Los Campesinos! Hello Sadness

Christina Lee

14.11.11

Her red lipstick, her blue eyes. To Gareth Campesinos!, not even his cleverest of come-ons––sending stationary as a first move, decorating envelopes as foreplay––are a match for memories of her. They can’t be, not when he’s singing of the “engagement ring” he’s wearing: her rouge imprinted around one of his knuckles, a souvenir without permanence.

Los Campesinos! no longer sound like grade-school children when they sing in unison. They’re no longer rushing through playful twee-punk taunts or singing references to Toni Braxton of utmost sincerity. Campesinos! have come and gone, to pursue medical school dreams and others they won’t specify. And Gareth, the Welsh septet’s primary songwriter, is no longer relentlessly flirting––he’s obsessing over this girl with remarkable moles on her back, of now an album (Romance is Boring) and an “extended EP” (We Are Beautiful, We Are Doomed) ago.

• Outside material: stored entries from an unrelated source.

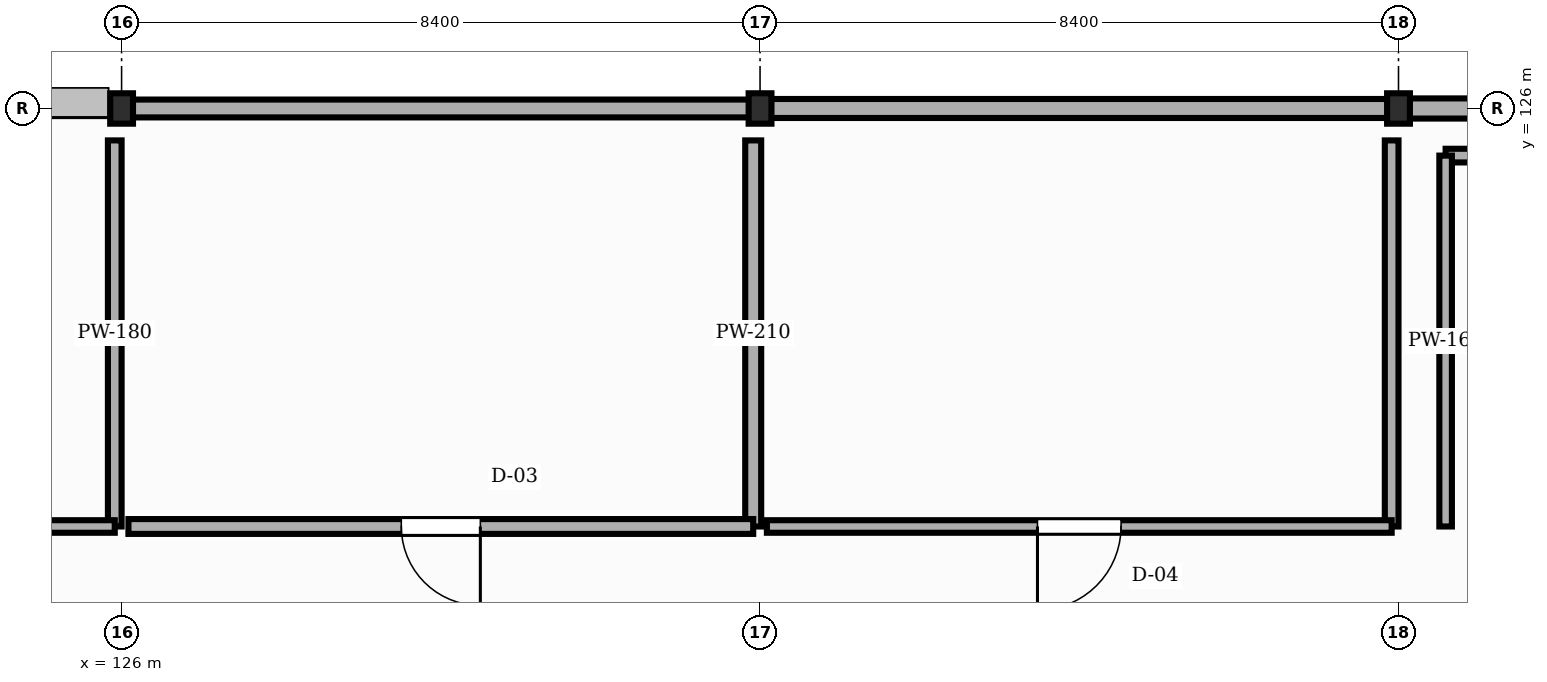
"""IFC4 building model, lengths in metres.
Left out: names, types, materials, properties, quantities, classifications, styles, units other than length and angle.
Written with IfcOpenShell. Run it as: python <this file> out.ifc"""

import sys

from ifc_helpers import new_model, si_unit, direction, frame, frame_2d, origin, origin_2d, place, context, subcontext, project, spatial, rectangle, i_section, extrude, element, fill, save


model = new_model("IFC4")
c1 = context("Model", 3, precision=1e-05, world=origin(), true_north=direction((0.0, 1.0)))
c2 = subcontext(c1, "Body", "Model", "MODEL_VIEW")
j1 = project(units=[si_unit("LENGTHUNIT", "METRE"), si_unit("PLANEANGLEUNIT", "RADIAN")], contexts=[c1])
p1 = place(None, origin())
s1 = spatial("IfcSite", under=j1, at=p1, CompositionType="ELEMENT")
p2 = place(p1, origin())
s2 = spatial("IfcBuilding", under=s1, at=p2, CompositionType="ELEMENT")
p3 = place(p2, frame((0.0, 0.0, 22.05)))
s3 = spatial("IfcBuildingStorey", under=s2, at=p3, CompositionType="ELEMENT", Elevation=22.05)
for number, where, z_axis, x_axis in (
    (1, (126.0, 126.0, 0.0), (0.0, 0.0, 1.0), (1.0, 0.0, 0.0)),
    (2, (134.4, 126.0, 0.0), (0.0, 0.0, 1.0), (1.0, 0.0, 0.0)),
    (3, (142.8, 126.0, 0.0), (0.0, 0.0, 1.0), (1.0, 0.0, 0.0)),
):
    element("IfcColumn", number, at=place(p3, frame(where, z_axis=z_axis, x_axis=x_axis)), inside=s3, PredefinedType="COLUMN", context=c2, shape_type="SweptSolid", body=[
        extrude(i_section(OverallWidth=0.3, OverallDepth=0.4, WebThickness=0.013, FlangeThickness=0.024, FilletRadius=0.027, at=origin_2d()), origin(), (0.0, 0.0, 1.0), 4.05),
    ])
p4 = place(p3, frame((151.192, 126.0, 0.0), z_axis=(0.0, 0.0, 1.0), x_axis=(-1.0, 0.0, 0.0)))
e4 = element("IfcWall", 4, at=p4, inside=s3, PredefinedType="STANDARD", context=c2, shape_type="SweptSolid", body=[
    extrude(rectangle(XDim=8.384, YDim=0.265, at=frame_2d((4.192, 0.0))), origin(), (0.0, 0.0, 1.0), 3.497),
])
p5 = place(p3, frame((142.792, 126.0, 0.0), z_axis=(0.0, 0.0, 1.0), x_axis=(-1.0, 0.0, 0.0)))
e5 = element("IfcWall", 5, at=p5, inside=s3, PredefinedType="STANDARD", context=c2, shape_type="SweptSolid", body=[
    extrude(rectangle(XDim=8.384, YDim=0.25, at=frame_2d((4.192, 0.0))), origin(), (0.0, 0.0, 1.0), 3.527),
])
p6 = place(p3, frame((134.392, 126.0, 0.0), z_axis=(0.0, 0.0, 1.0), x_axis=(-1.0, 0.0, 0.0)))
e6 = element("IfcWall", 6, at=p6, inside=s3, PredefinedType="STANDARD", context=c2, shape_type="SweptSolid", body=[
    extrude(rectangle(XDim=8.384, YDim=0.235, at=frame_2d((4.192, 0.0))), origin(), (0.0, 0.0, 1.0), 3.497),
])
p7 = place(p3, frame((125.91, 125.58, -0.004), z_axis=(0.0, 0.0, 1.0), x_axis=(0.0, -1.0, 0.0)))
e7 = element("IfcWall", 7, at=p7, inside=s3, PredefinedType="STANDARD", context=c2, shape_type="SweptSolid", body=[
    extrude(rectangle(XDim=5.08, YDim=0.18, at=frame_2d((2.54, 0.0))), origin(), (0.0, 0.0, 1.0), 3.371),
])
p8 = place(p3, frame((125.91, 120.5, -0.004), z_axis=(0.0, 0.0, 1.0), x_axis=(-1.0, 0.0, 0.0)))
e8 = element("IfcWall", 8, at=p8, inside=s3, PredefinedType="STANDARD", context=c2, shape_type="SweptSolid", body=[
    extrude(rectangle(XDim=8.22, YDim=0.165, at=frame_2d((4.11, 0.0))), origin(), (0.0, 0.0, 1.0), 3.854),
])
p9 = place(p8, frame((3.62, 0.0, 0.0)))
e9 = element("IfcOpeningElement", 9, at=p9, cuts=e8, PredefinedType="OPENING", context=c2, shape_type="SweptSolid", body=[
    extrude(rectangle(XDim=0.98, YDim=2.06, at=frame_2d((0.49, 1.03))), frame((0.0, 0.093, 0.0), z_axis=(0.0, -1.0, 0.0), x_axis=(1.0, 0.0, 0.0)), (0.0, 0.0, 1.0), 0.185),
])
p10 = place(p3, frame((134.31, 125.58, -0.004), z_axis=(0.0, 0.0, 1.0), x_axis=(0.0, -1.0, 0.0)))
e10 = element("IfcWall", 10, at=p10, inside=s3, PredefinedType="STANDARD", context=c2, shape_type="SweptSolid", body=[
    extrude(rectangle(XDim=5.08, YDim=0.21, at=frame_2d((2.54, 0.0))), origin(), (0.0, 0.0, 1.0), 3.461),
])
p11 = place(p3, frame((134.31, 120.5, -0.004), z_axis=(0.0, 0.0, 1.0), x_axis=(-1.0, 0.0, 0.0)))
e11 = element("IfcWall", 11, at=p11, inside=s3, PredefinedType="STANDARD", context=c2, shape_type="SweptSolid", body=[
    extrude(rectangle(XDim=8.22, YDim=0.195, at=frame_2d((4.11, 0.0))), origin(), (0.0, 0.0, 1.0), 3.854),
])
p12 = place(p11, frame((3.59, 0.0, 0.0)))
e12 = element("IfcOpeningElement", 12, at=p12, cuts=e11, PredefinedType="OPENING", context=c2, shape_type="SweptSolid", body=[
    extrude(rectangle(XDim=1.04, YDim=2.06, at=frame_2d((0.52, 1.03))), frame((0.0, 0.107, 0.0), z_axis=(0.0, -1.0, 0.0), x_axis=(1.0, 0.0, 0.0)), (0.0, 0.0, 1.0), 0.215),
])
p13 = place(p3, frame((142.71, 125.58, -0.004), z_axis=(0.0, 0.0, 1.0), x_axis=(0.0, -1.0, 0.0)))
e13 = element("IfcWall", 13, at=p13, inside=s3, PredefinedType="STANDARD", context=c2, shape_type="SweptSolid", body=[
    extrude(rectangle(XDim=5.08, YDim=0.18, at=frame_2d((2.54, 0.0))), origin(), (0.0, 0.0, 1.0), 3.511),
])
p14 = place(p3, frame((142.71, 120.5, -0.004), z_axis=(0.0, 0.0, 1.0), x_axis=(-1.0, 0.0, 0.0)))
e14 = element("IfcWall", 14, at=p14, inside=s3, PredefinedType="STANDARD", context=c2, shape_type="SweptSolid", body=[
    extrude(rectangle(XDim=8.22, YDim=0.165, at=frame_2d((4.11, 0.0))), origin(), (0.0, 0.0, 1.0), 3.854),
])
p15 = place(p14, frame((3.56, 0.0, 0.0)))
e15 = element("IfcOpeningElement", 15, at=p15, cuts=e14, PredefinedType="OPENING", context=c2, shape_type="SweptSolid", body=[
    extrude(rectangle(XDim=1.1, YDim=2.06, at=frame_2d((0.55, 1.03))), frame((0.0, 0.093, 0.0), z_axis=(0.0, -1.0, 0.0), x_axis=(1.0, 0.0, 0.0)), (0.0, 0.0, 1.0), 0.185),
])
p16 = place(p3, frame((145.7, 125.38, -0.004), z_axis=(0.0, 0.0, 1.0), x_axis=(-1.0, 0.0, 0.0)))
e16 = element("IfcWall", 16, at=p16, inside=s3, PredefinedType="STANDARD", context=c2, shape_type="SweptSolid", body=[
    extrude(rectangle(XDim=2.28, YDim=0.18, at=frame_2d((1.14, 0.0))), origin(), (0.0, 0.0, 1.0), 3.854),
])
p17 = place(p3, frame((143.42, 125.38, -0.004), z_axis=(0.0, 0.0, 1.0), x_axis=(0.0, -1.0, 0.0)))
e17 = element("IfcWall", 17, at=p17, inside=s3, PredefinedType="STANDARD", context=c2, shape_type="SweptSolid", body=[
    extrude(rectangle(XDim=4.88, YDim=0.165, at=frame_2d((2.44, 0.0))), origin(), (0.0, 0.0, 1.0), 3.854),
])
p18 = place(p12, origin())
e18 = element("IfcDoor", 18, at=p18, inside=s3, OperationType="SINGLE_SWING_LEFT", PredefinedType="DOOR", context=c2, shape_type="SweptSolid", body=[
    extrude(rectangle(XDim=1.04, YDim=2.06, at=frame_2d((0.52, 1.03))), frame((0.0, 0.025, 0.0), z_axis=(0.0, -1.0, 0.0), x_axis=(1.0, 0.0, 0.0)), (0.0, 0.0, 1.0), 0.05),
])
fill(e12, e18)
p19 = place(p15, origin())
e19 = element("IfcDoor", 19, at=p19, inside=s3, OperationType="SINGLE_SWING_RIGHT", PredefinedType="DOOR", context=c2, shape_type="SweptSolid", body=[
    extrude(rectangle(XDim=1.1, YDim=2.06, at=frame_2d((0.55, 1.03))), frame((0.0, 0.025, 0.0), z_axis=(0.0, -1.0, 0.0), x_axis=(1.0, 0.0, 0.0)), (0.0, 0.0, 1.0), 0.05),
])
fill(e15, e19)
save(model, sys.argv[1])

This once-hyper band is calming down, and when they’re not comparing that girl’s eyes to the sea, they’re preoccupied by the fact that they’re growing up. Still, Hello Sadness makes this reality a bit easier to accept. Slightly reminiscent of fan favorite “You! Me! Dancing!,” the album’s title track shows that Los Campesinos! still know how to build a song that escalates and falls like a rollercoaster’s initial climb-and-collapse––appropriately, too, about hopelessly falling in love. Twitter-sized musings like, “Between my waterfalls and your landslides / there’s cartography in every scar,” begs to immortalized on Etsy prints. And sometimes, his carefully-edited retracing through their initial affairs has us bracing not for the band’s sing-along choruses, but where her hands and his lips wander next. “The last time I was there / she made me wear her clothes / She painted my lips red / so that we both ensured / I kiss her every inch / My god, the girl looked like she burned,” he spills in “Songs About Your Girlfriend.” Gareth’s brutal tales have never been this easy to swallow.

Hello Sadness isn’t perfect. Gareth loves to turn a cliché on its head, though some of his plays in semantics––“You can lead a horse to water, but it won’t drown itself”––sound as if he’s trying too hard. “The Black Bird, The Dark Slope” lists ways in which the metaphorical animal mutilates his insides, which will have longtime fans sadly recalling when he sang in 2008, “Damn extended metaphors / I get carried away.” Still, Hello Sadness is a likeable, more focused compromise between the endearing, buoyant Hold On Now, Youngster! and the weightier, noisier Romance is Boring. It’s a reminder of everything they’ve done––and that every time a scab is picked at, fresh blood surfaces.